How about the real West as a backdrop instead of a sheet? One can learn more about the actual people of the West from the setting alone, and what they left behind, than they can from person after person taken out of context and put in a zoo. But that takes its own kind of specific cultural sensitivity. Avedon was blind to it and trying to substitute something else he brought with him. That's fine if you're trying to understand Avedon per se. But he was in his own head and never saw the West or really appreciated it. He was out specimen collecting for sake of his own little taxidermy dioramas in NYC mode. Big difference. I'm not saying it's wrong. It just leaves me cold, unsatisfied. And that whole 60's thing might have been a refreshing overturn of a previous art regime at one time, but for several decades now it has become an even worse stuffy regime, a stuck record, long overdue to be in the rear view mirror.
Richard Avedon:
https://www.avedonfoundation.org/the-work
Andy Warhol:
https://whitney.org/exhibitions/andywarhol
Edward Steichen:
https://www.theguardian.com/artandde...ir-in-pictures
Bernice
The book is titled, "In The American West" for a reason--it is not meant to be a book about the American West but rather what Avedon saw of interest there. His photos are of people, his interest is in photographing people as he saw them, isolated from settings or environment. You may not like that, but that is what art is about--personal expression. His, not yours or what might appeal to you.

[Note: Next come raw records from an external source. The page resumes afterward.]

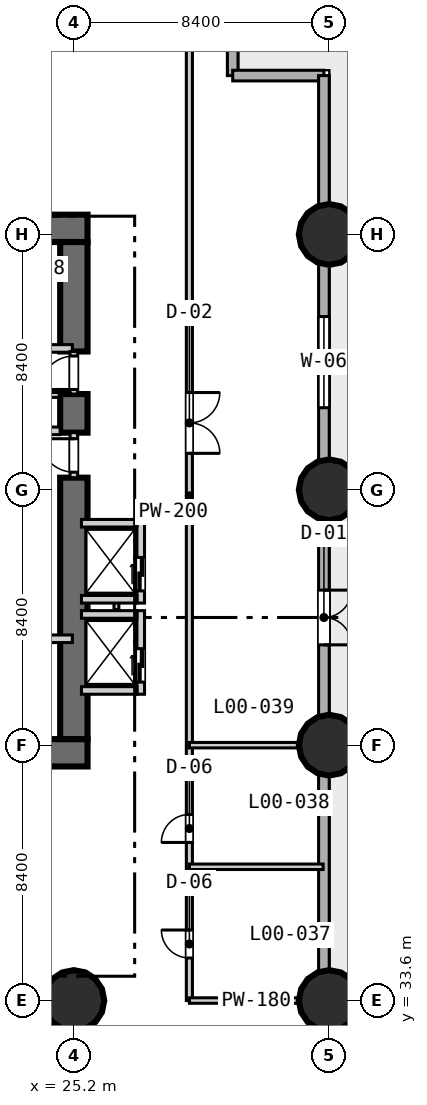
"""IFC4 building model, lengths in metres.
Left out: names, types, materials, properties, quantities, classifications, styles, units other than length and angle.
Written with IfcOpenShell. Run it as: python <this file> out.ifc"""

import sys

from ifc_helpers import new_model, si_unit, direction, frame, frame_2d, origin, origin_2d, place, context, subcontext, project, spatial, rectangle, circle, extrude, element, fill, save


model = new_model("IFC4")
c1 = context("Model", 3, precision=1e-05, world=origin(), true_north=direction((0.0, 1.0)))
c2 = subcontext(c1, "Body", "Model", "MODEL_VIEW")
j1 = project(units=[si_unit("LENGTHUNIT", "METRE"), si_unit("PLANEANGLEUNIT", "RADIAN")], contexts=[c1])
p1 = place(None, origin())
s1 = spatial("IfcSite", under=j1, at=p1, CompositionType="ELEMENT")
p2 = place(p1, origin())
s2 = spatial("IfcBuilding", under=s1, at=p2, CompositionType="ELEMENT")
p3 = place(p2, origin())
s3 = spatial("IfcBuildingStorey", under=s2, at=p3, CompositionType="ELEMENT", Elevation=0.0)
for number, where, z_axis, x_axis in (
    (1, (20.5, 41.75, 0.0), (0.0, 0.0, 1.0), (1.0, 0.0, 0.0)),
    (2, (20.5, 59.0, 0.0), (0.0, 0.0, 1.0), (1.0, 0.0, 0.0)),
):
    element("IfcWall", number, at=place(p3, frame(where, z_axis=z_axis, x_axis=x_axis)), inside=s3, PredefinedType="SHEAR", context=c2, shape_type="SweptSolid", body=[
        extrude(rectangle(XDim=5.15, YDim=0.9, at=frame_2d((2.575, 0.0))), origin(), (0.0, 0.0, 1.0), 5.65),
    ])
p4 = place(p3, frame((25.2, 42.2, 0.0), z_axis=(0.0, 0.0, 1.0), x_axis=(0.0, 1.0, 0.0)))
e3 = element("IfcWall", 3, at=p4, inside=s3, PredefinedType="SHEAR", context=c2, shape_type="SweptSolid", body=[
    extrude(rectangle(XDim=8.6, YDim=0.9, at=frame_2d((4.3, 0.0))), origin(), (0.0, 0.0, 1.0), 5.65),
])
p5 = place(p3, frame((25.2, 52.28, 0.0), z_axis=(0.0, 0.0, 1.0), x_axis=(0.0, 1.0, 0.0)))
e4 = element("IfcWall", 4, at=p5, inside=s3, PredefinedType="SHEAR", context=c2, shape_type="SweptSolid", body=[
    extrude(rectangle(XDim=1.27, YDim=0.9, at=frame_2d((0.635, 0.0))), origin(), (0.0, 0.0, 1.0), 5.65),
])
p6 = place(p3, frame((25.2, 54.95, 0.0), z_axis=(0.0, 0.0, 1.0), x_axis=(0.0, 1.0, 0.0)))
e5 = element("IfcWall", 5, at=p6, inside=s3, PredefinedType="SHEAR", context=c2, shape_type="SweptSolid", body=[
    extrude(rectangle(XDim=3.6, YDim=0.9, at=frame_2d((1.8, 0.0))), origin(), (0.0, 0.0, 1.0), 5.65),
])
for number, where, z_axis, x_axis in (
    (6, (25.2, 33.6, 0.0), (0.0, 0.0, 1.0), (1.0, 0.0, 0.0)),
    (7, (33.6, 33.6, 0.0), (0.0, 0.0, 1.0), (1.0, 0.0, 0.0)),
    (8, (33.6, 42.0, 0.0), (0.0, 0.0, 1.0), (1.0, 0.0, 0.0)),
    (9, (33.6, 50.4, 0.0), (0.0, 0.0, 1.0), (1.0, 0.0, 0.0)),
    (10, (33.6, 58.8, 0.0), (0.0, 0.0, 1.0), (1.0, 0.0, 0.0)),
):
    element("IfcColumn", number, at=place(p3, frame(where, z_axis=z_axis, x_axis=x_axis)), inside=s3, PredefinedType="USERDEFINED", context=c2, shape_type="SweptSolid", body=[
        extrude(circle(Radius=1.0, at=origin_2d()), origin(), (0.0, 0.0, 1.0), 6.0),
    ])
for number, where, z_axis, x_axis in (
    (11, (30.425, 67.025, 0.0), (0.0, 0.0, 1.0), (0.0, -1.0, 0.0)),
    (12, (30.425, 64.025, 0.0), (0.0, 0.0, 1.0), (1.0, 0.0, 0.0)),
):
    element("IfcWall", number, at=place(p3, frame(where, z_axis=z_axis, x_axis=x_axis)), inside=s3, PredefinedType="STANDARD", context=c2, shape_type="SweptSolid", body=[
        extrude(rectangle(XDim=3.0, YDim=0.35, at=frame_2d((1.5, 0.0))), origin(), (0.0, 0.0, 1.0), 5.65),
    ])
p7 = place(p3, frame((33.425, 64.025, 0.0), z_axis=(0.0, 0.0, 1.0), x_axis=(0.0, -1.0, 0.0)))
e13 = element("IfcWall", 13, at=p7, inside=s3, PredefinedType="STANDARD", context=c2, shape_type="SweptSolid", body=[
    extrude(rectangle(XDim=30.6, YDim=0.35, at=frame_2d((15.3, 0.0))), origin(), (0.0, 0.0, 1.0), 4.8),
])
p8 = place(p7, frame((16.925, 0.0, 0.0)))
e14 = element("IfcOpeningElement", 14, at=p8, cuts=e13, PredefinedType="OPENING", context=c2, shape_type="SweptSolid", body=[
    extrude(rectangle(XDim=1.8, YDim=2.2, at=frame_2d((0.9, 1.1))), frame((0.0, 0.185, 0.0), z_axis=(0.0, -1.0, 0.0), x_axis=(1.0, 0.0, 0.0)), (0.0, 0.0, 1.0), 0.37),
])
p9 = place(p7, frame((7.925, 0.0, 0.85)))
e15 = element("IfcOpeningElement", 15, at=p9, cuts=e13, PredefinedType="OPENING", context=c2, shape_type="SweptSolid", body=[
    extrude(rectangle(XDim=3.0, YDim=2.4, at=frame_2d((1.5, 1.2))), frame((0.0, 0.185, 0.0), z_axis=(0.0, -1.0, 0.0), x_axis=(1.0, 0.0, 0.0)), (0.0, 0.0, 1.0), 0.37),
])
p10 = place(p3, frame((33.425, 33.425, 0.0), z_axis=(0.0, 0.0, 1.0), x_axis=(1.0, 0.0, 0.0)))
e16 = element("IfcWall", 16, at=p10, inside=s3, PredefinedType="STANDARD", context=c2, shape_type="SweptSolid", body=[
    extrude(rectangle(XDim=30.6, YDim=0.35, at=frame_2d((15.3, 0.0))), origin(), (0.0, 0.0, 1.0), 4.8),
])
p11 = place(p3, frame((21.0, 45.5, 0.0), z_axis=(0.0, 0.0, 1.0), x_axis=(1.0, 0.0, 0.0)))
e17 = element("IfcWall", 17, at=p11, inside=s3, PredefinedType="SOLIDWALL", context=c2, shape_type="SweptSolid", body=[
    extrude(rectangle(XDim=4.15, YDim=0.25, at=frame_2d((2.075, 0.0))), origin(), (0.0, 0.0, 1.0), 5.65),
])
p12 = place(p11, frame((0.65, 0.0, 0.0)))
e18 = element("IfcOpeningElement", 18, at=p12, cuts=e17, PredefinedType="OPENING", context=c2, shape_type="SweptSolid", body=[
    extrude(rectangle(XDim=1.1, YDim=2.15, at=frame_2d((0.55, 1.075))), frame((0.0, 0.135, 0.0), z_axis=(0.0, -1.0, 0.0), x_axis=(1.0, 0.0, 0.0)), (0.0, 0.0, 1.0), 0.27),
])
p13 = place(p3, frame((25.2, 50.8, 0.0), z_axis=(0.0, 0.0, 1.0), x_axis=(0.0, 1.0, 0.0)))
e19 = element("IfcWall", 19, at=p13, inside=s3, PredefinedType="SOLIDWALL", context=c2, shape_type="SweptSolid", body=[
    extrude(rectangle(XDim=1.48, YDim=0.25, at=frame_2d((0.74, 0.0))), origin(), (0.0, 0.0, 1.0), 5.65),
])
p14 = place(p13, frame((0.18, 0.0, 0.0)))
e20 = element("IfcOpeningElement", 20, at=p14, cuts=e19, PredefinedType="OPENING", context=c2, shape_type="SweptSolid", body=[
    extrude(rectangle(XDim=1.1, YDim=2.15, at=frame_2d((0.55, 1.075))), frame((0.0, 0.135, 0.0), z_axis=(0.0, -1.0, 0.0), x_axis=(1.0, 0.0, 0.0)), (0.0, 0.0, 1.0), 0.27),
])
p15 = place(p3, frame((21.0, 52.34, 0.0), z_axis=(0.0, 0.0, 1.0), x_axis=(1.0, 0.0, 0.0)))
e21 = element("IfcWall", 21, at=p15, inside=s3, PredefinedType="SOLIDWALL", context=c2, shape_type="SweptSolid", body=[
    extrude(rectangle(XDim=3.75, YDim=0.25, at=frame_2d((1.875, 0.0))), origin(), (0.0, 0.0, 1.0), 5.65),
])
p16 = place(p3, frame((21.0, 55.05, 0.0), z_axis=(0.0, 0.0, 1.0), x_axis=(1.0, 0.0, 0.0)))
e22 = element("IfcWall", 22, at=p16, inside=s3, PredefinedType="SOLIDWALL", context=c2, shape_type="SweptSolid", body=[
    extrude(rectangle(XDim=4.15, YDim=0.25, at=frame_2d((2.075, 0.0))), origin(), (0.0, 0.0, 1.0), 5.65),
])
p17 = place(p16, frame((1.85, 0.0, 0.0)))
e23 = element("IfcOpeningElement", 23, at=p17, cuts=e22, PredefinedType="OPENING", context=c2, shape_type="SweptSolid", body=[
    extrude(rectangle(XDim=1.1, YDim=2.15, at=frame_2d((0.55, 1.075))), frame((0.0, 0.135, 0.0), z_axis=(0.0, -1.0, 0.0), x_axis=(1.0, 0.0, 0.0)), (0.0, 0.0, 1.0), 0.27),
])
p18 = place(p3, frame((25.2, 53.55, 0.0), z_axis=(0.0, 0.0, 1.0), x_axis=(0.0, 1.0, 0.0)))
e24 = element("IfcWall", 24, at=p18, inside=s3, PredefinedType="SOLIDWALL", context=c2, shape_type="SweptSolid", body=[
    extrude(rectangle(XDim=1.4, YDim=0.25, at=frame_2d((0.7, 0.0))), origin(), (0.0, 0.0, 1.0), 5.65),
])
p19 = place(p18, frame((0.15, 0.0, 0.0)))
e25 = element("IfcOpeningElement", 25, at=p19, cuts=e24, PredefinedType="OPENING", context=c2, shape_type="SweptSolid", body=[
    extrude(rectangle(XDim=1.1, YDim=2.15, at=frame_2d((0.55, 1.075))), frame((0.0, 0.135, 0.0), z_axis=(0.0, -1.0, 0.0), x_axis=(1.0, 0.0, 0.0)), (0.0, 0.0, 1.0), 0.27),
])
p20 = place(p3, frame((22.32, 53.52, 0.0), z_axis=(0.0, 0.0, 1.0), x_axis=(1.0, 0.0, 0.0)))
e26 = element("IfcWall", 26, at=p20, inside=s3, PredefinedType="PARTITIONING", context=c2, shape_type="SweptSolid", body=[
    extrude(rectangle(XDim=2.4, YDim=0.16, at=frame_2d((1.2, 0.0))), origin(), (0.0, 0.0, 1.0), 5.65),
])
p21 = place(p20, frame((0.65, 0.0, 0.0)))
e27 = element("IfcOpeningElement", 27, at=p21, cuts=e26, PredefinedType="OPENING", context=c2, shape_type="SweptSolid", body=[
    extrude(rectangle(XDim=0.9, YDim=2.1, at=frame_2d((0.45, 1.05))), frame((0.0, 0.09, 0.0), z_axis=(0.0, -1.0, 0.0), x_axis=(1.0, 0.0, 0.0)), (0.0, 0.0, 1.0), 0.18),
])
p22 = place(p3, frame((27.4, 43.675, 0.0), z_axis=(0.0, 0.0, 1.0), x_axis=(0.0, 1.0, 0.0)))
e28 = element("IfcWall", 28, at=p22, inside=s3, PredefinedType="SOLIDWALL", context=c2, shape_type="SweptSolid", body=[
    extrude(rectangle(XDim=2.75, YDim=0.25, at=frame_2d((1.375, 0.0))), origin(), (0.0, 0.0, 1.0), 5.65),
])
p23 = place(p22, frame((0.4, 0.0, 0.0)))
e29 = element("IfcOpeningElement", 29, at=p23, cuts=e28, PredefinedType="OPENING", context=c2, shape_type="SweptSolid", body=[
    extrude(rectangle(XDim=1.1, YDim=2.15, at=frame_2d((0.55, 1.075))), frame((0.0, 0.135, 0.0), z_axis=(0.0, -1.0, 0.0), x_axis=(1.0, 0.0, 0.0)), (0.0, 0.0, 1.0), 0.27),
])
for number, where, z_axis, x_axis in (
    (30, (25.45, 43.8, 0.0), (0.0, 0.0, 1.0), (1.0, 0.0, 0.0)),
    (31, (25.45, 46.3, 0.0), (0.0, 0.0, 1.0), (1.0, 0.0, 0.0)),
):
    element("IfcWall", number, at=place(p3, frame(where, z_axis=z_axis, x_axis=x_axis)), inside=s3, PredefinedType="SOLIDWALL", context=c2, shape_type="SweptSolid", body=[
        extrude(rectangle(XDim=1.825, YDim=0.25, at=frame_2d((0.913, 0.0))), origin(), (0.0, 0.0, 1.0), 5.65),
    ])
p24 = place(p3, frame((26.6, 46.46, 0.0), z_axis=(0.0, 0.0, 1.0), x_axis=(0.0, 1.0, 0.0)))
e32 = element("IfcWall", 32, at=p24, inside=s3, PredefinedType="PARTITIONING", context=c2, shape_type="SweptSolid", body=[
    extrude(rectangle(XDim=0.88, YDim=0.16, at=frame_2d((0.44, 0.0))), origin(), (0.0, 0.0, 1.0), 5.65),
])
p25 = place(p3, frame((27.4, 46.675, 0.0), z_axis=(0.0, 0.0, 1.0), x_axis=(0.0, 1.0, 0.0)))
e33 = element("IfcWall", 33, at=p25, inside=s3, PredefinedType="SOLIDWALL", context=c2, shape_type="SweptSolid", body=[
    extrude(rectangle(XDim=2.75, YDim=0.25, at=frame_2d((1.375, 0.0))), origin(), (0.0, 0.0, 1.0), 5.65),
])
p26 = place(p25, frame((0.4, 0.0, 0.0)))
e34 = element("IfcOpeningElement", 34, at=p26, cuts=e33, PredefinedType="OPENING", context=c2, shape_type="SweptSolid", body=[
    extrude(rectangle(XDim=1.1, YDim=2.15, at=frame_2d((0.55, 1.075))), frame((0.0, 0.135, 0.0), z_axis=(0.0, -1.0, 0.0), x_axis=(1.0, 0.0, 0.0)), (0.0, 0.0, 1.0), 0.27),
])
for number, where, z_axis, x_axis in (
    (35, (25.45, 46.8, 0.0), (0.0, 0.0, 1.0), (1.0, 0.0, 0.0)),
    (36, (25.45, 49.3, 0.0), (0.0, 0.0, 1.0), (1.0, 0.0, 0.0)),
):
    element("IfcWall", number, at=place(p3, frame(where, z_axis=z_axis, x_axis=x_axis)), inside=s3, PredefinedType="SOLIDWALL", context=c2, shape_type="SweptSolid", body=[
        extrude(rectangle(XDim=1.825, YDim=0.25, at=frame_2d((0.913, 0.0))), origin(), (0.0, 0.0, 1.0), 5.65),
    ])
p27 = place(p3, frame((29.0, 33.6, 0.0), z_axis=(0.0, 0.0, 1.0), x_axis=(0.0, 1.0, 0.0)))
e37 = element("IfcWall", 37, at=p27, inside=s3, PredefinedType="PARTITIONING", context=c2, shape_type="SweptSolid", body=[
    extrude(rectangle(XDim=33.2, YDim=0.2, at=frame_2d((16.6, 0.0))), origin(), (0.0, 0.0, 1.0), 5.65),
])
p28 = place(p27, frame((1.4, 0.0, 0.0)))
e38 = element("IfcOpeningElement", 38, at=p28, cuts=e37, PredefinedType="OPENING", context=c2, shape_type="SweptSolid", body=[
    extrude(rectangle(XDim=0.92, YDim=2.1, at=frame_2d((0.46, 1.05))), frame((0.0, 0.11, 0.0), z_axis=(0.0, -1.0, 0.0), x_axis=(1.0, 0.0, 0.0)), (0.0, 0.0, 1.0), 0.22),
])
p29 = place(p27, frame((5.2, 0.0, 0.0)))
e39 = element("IfcOpeningElement", 39, at=p29, cuts=e37, PredefinedType="OPENING", context=c2, shape_type="SweptSolid", body=[
    extrude(rectangle(XDim=0.92, YDim=2.1, at=frame_2d((0.46, 1.05))), frame((0.0, 0.11, 0.0), z_axis=(0.0, -1.0, 0.0), x_axis=(1.0, 0.0, 0.0)), (0.0, 0.0, 1.0), 0.22),
])
p30 = place(p27, frame((18.0, 0.0, 0.0)))
e40 = element("IfcOpeningElement", 40, at=p30, cuts=e37, PredefinedType="OPENING", context=c2, shape_type="SweptSolid", body=[
    extrude(rectangle(XDim=2.0, YDim=2.15, at=frame_2d((1.0, 1.075))), frame((0.0, 0.11, 0.0), z_axis=(0.0, -1.0, 0.0), x_axis=(1.0, 0.0, 0.0)), (0.0, 0.0, 1.0), 0.22),
])
p31 = place(p3, frame((29.0, 33.6, 0.0), z_axis=(0.0, 0.0, 1.0), x_axis=(1.0, 0.0, 0.0)))
e41 = element("IfcWall", 41, at=p31, inside=s3, PredefinedType="PLUMBINGWALL", context=c2, shape_type="SweptSolid", body=[
    extrude(rectangle(XDim=4.4, YDim=0.18, at=frame_2d((2.2, 0.0))), origin(), (0.0, 0.0, 1.0), 5.039),
])
p32 = place(p3, frame((29.0, 38.0, 0.0), z_axis=(0.0, 0.0, 1.0), x_axis=(1.0, 0.0, 0.0)))
e42 = element("IfcWall", 42, at=p32, inside=s3, PredefinedType="PLUMBINGWALL", context=c2, shape_type="SweptSolid", body=[
    extrude(rectangle(XDim=4.4, YDim=0.18, at=frame_2d((2.2, 0.0))), origin(), (0.0, 0.0, 1.0), 5.65),
])
p33 = place(p3, frame((29.0, 42.0, 0.0), z_axis=(0.0, 0.0, 1.0), x_axis=(1.0, 0.0, 0.0)))
e43 = element("IfcWall", 43, at=p33, inside=s3, PredefinedType="PLUMBINGWALL", context=c2, shape_type="SweptSolid", body=[
    extrude(rectangle(XDim=4.4, YDim=0.18, at=frame_2d((2.2, 0.0))), origin(), (0.0, 0.0, 1.0), 4.8),
])
p34 = place(p8, origin())
e44 = element("IfcDoor", 44, at=p34, inside=s3, OperationType="DOUBLE_SWING_LEFT", PredefinedType="DOOR", context=c2, shape_type="SweptSolid", body=[
    extrude(rectangle(XDim=1.8, YDim=2.2, at=frame_2d((0.9, 1.1))), frame((0.0, 0.025, 0.0), z_axis=(0.0, -1.0, 0.0), x_axis=(1.0, 0.0, 0.0)), (0.0, 0.0, 1.0), 0.05),
])
fill(e14, e44)
p35 = place(p9, origin())
e45 = element("IfcWindow", 45, at=p35, inside=s3, PartitioningType="SINGLE_PANEL", PredefinedType="WINDOW", context=c2, shape_type="SweptSolid", body=[
    extrude(rectangle(XDim=3.0, YDim=2.4, at=frame_2d((1.5, 1.2))), frame((0.0, 0.03, 0.0), z_axis=(0.0, -1.0, 0.0), x_axis=(1.0, 0.0, 0.0)), (0.0, 0.0, 1.0), 0.06),
])
fill(e15, e45)
p36 = place(p14, origin())
e46 = element("IfcDoor", 46, at=p36, inside=s3, OperationType="SINGLE_SWING_RIGHT", PredefinedType="DOOR", context=c2, shape_type="SweptSolid", body=[
    extrude(rectangle(XDim=1.1, YDim=2.15, at=frame_2d((0.55, 1.075))), frame((0.0, 0.025, 0.0), z_axis=(0.0, -1.0, 0.0), x_axis=(1.0, 0.0, 0.0)), (0.0, 0.0, 1.0), 0.05),
])
fill(e20, e46)
p37 = place(p19, origin())
e47 = element("IfcDoor", 47, at=p37, inside=s3, OperationType="SINGLE_SWING_LEFT", PredefinedType="DOOR", context=c2, shape_type="SweptSolid", body=[
    extrude(rectangle(XDim=1.1, YDim=2.15, at=frame_2d((0.55, 1.075))), frame((0.0, 0.025, 0.0), z_axis=(0.0, -1.0, 0.0), x_axis=(1.0, 0.0, 0.0)), (0.0, 0.0, 1.0), 0.05),
])
fill(e25, e47)
p38 = place(p23, origin())
e48 = element("IfcDoor", 48, at=p38, inside=s3, OperationType="SLIDING_TO_LEFT", PredefinedType="DOOR", context=c2, shape_type="SweptSolid", body=[
    extrude(rectangle(XDim=1.1, YDim=2.15, at=frame_2d((0.55, 1.075))), frame((0.0, 0.025, 0.0), z_axis=(0.0, -1.0, 0.0), x_axis=(1.0, 0.0, 0.0)), (0.0, 0.0, 1.0), 0.05),
])
fill(e29, e48)
p39 = place(p26, origin())
e49 = element("IfcDoor", 49, at=p39, inside=s3, OperationType="SLIDING_TO_LEFT", PredefinedType="DOOR", context=c2, shape_type="SweptSolid", body=[
    extrude(rectangle(XDim=1.1, YDim=2.15, at=frame_2d((0.55, 1.075))), frame((0.0, 0.025, 0.0), z_axis=(0.0, -1.0, 0.0), x_axis=(1.0, 0.0, 0.0)), (0.0, 0.0, 1.0), 0.05),
])
fill(e34, e49)
p40 = place(p28, origin())
e50 = element("IfcDoor", 50, at=p40, inside=s3, OperationType="SINGLE_SWING_RIGHT", PredefinedType="DOOR", context=c2, shape_type="SweptSolid", body=[
    extrude(rectangle(XDim=0.92, YDim=2.1, at=frame_2d((0.46, 1.05))), frame((0.0, 0.025, 0.0), z_axis=(0.0, -1.0, 0.0), x_axis=(1.0, 0.0, 0.0)), (0.0, 0.0, 1.0), 0.05),
])
fill(e38, e50)
p41 = place(p29, origin())
e51 = element("IfcDoor", 51, at=p41, inside=s3, OperationType="SINGLE_SWING_LEFT", PredefinedType="DOOR", context=c2, shape_type="SweptSolid", body=[
    extrude(rectangle(XDim=0.92, YDim=2.1, at=frame_2d((0.46, 1.05))), frame((0.0, 0.025, 0.0), z_axis=(0.0, -1.0, 0.0), x_axis=(1.0, 0.0, 0.0)), (0.0, 0.0, 1.0), 0.05),
])
fill(e39, e51)
p42 = place(p30, origin())
e52 = element("IfcDoor", 52, at=p42, inside=s3, OperationType="SINGLE_SWING_RIGHT", PredefinedType="DOOR", context=c2, shape_type="SweptSolid", body=[
    extrude(rectangle(XDim=2.0, YDim=2.15, at=frame_2d((1.0, 1.075))), frame((0.0, 0.025, 0.0), z_axis=(0.0, -1.0, 0.0), x_axis=(1.0, 0.0, 0.0)), (0.0, 0.0, 1.0), 0.05),
])
fill(e40, e52)
save(model, sys.argv[1])

There are artist-photographers that use their subjects (noun) as a device-prop as a means to express. More often than not the innate personality of the prop is of little to no significance to the image maker as it is being used as a prop, essentially imposing the ego of the artist-photographer upon what the artist-photographer is bent on achieving in the work produced.
~Richard Avedon is one of many who practiced this as a photographer.
Alternatively, artist-photographer is much about capturing the personality and expression of the subject (noun) with as little artist-photographer's ego being imposed upon the subject.
~Name a photographer that practiced this method of artistic expression?
Bernice
Flickr Home Page: https://www.flickr.com/photos/alanklein2000/albums
Take a look at the Navajo portraiture of Laura Gilpin. Definitely not ego driven. That would have been a non-starter. Steichen was a giant. I actually most admire his earlier "Pictorialist" portraits, but he really had two distinct phases, just as Edward Weston did. Avedon is interesting. I just find that whole fashionista culture which gave him a good living to be trivial and shallow to the point of being disgusting. And in fact, he often portrayed it with a considerable amount of cynicism, wry wit, and thinly veiled ridicule. That's why he, in his own words, stated he loved the 60's - it was so over the top, and that apparently matched his own personality. If viewers like that, no problem. I prefer nuance to noise.
I think we missed the point.
I personally don't evaluate a peace of art by my sympathy for the artist, instead a see his work, if it give me an emotion what ever it is; if it add something to me or if it leave me indifferent.
In the American West is probably the biggest photography work ever made. Every photograph in it is simply amazing.
It took 10 or 100 sheets of film to made a single portrait? Who cares if the result is to have that perfect picture.
Is it full of Avedon's ego? Sure and then, who cares?! It is a beautiful work of art.
There are many other cynic photographers out there; about some of them I like the work (Witkin for example or Sally Mann since someone consider her work as cynic) about others I don't (Bruce Gilden or Antoine D'Agatà for example) but it is based on their work, not if they dressing in blue or red.
Pressing the shutter is the only easy thing
I'm an Avedon fan but to each their own.
Like Ricky Nelson said, "Ya can't please everyone so you got to please yourself"!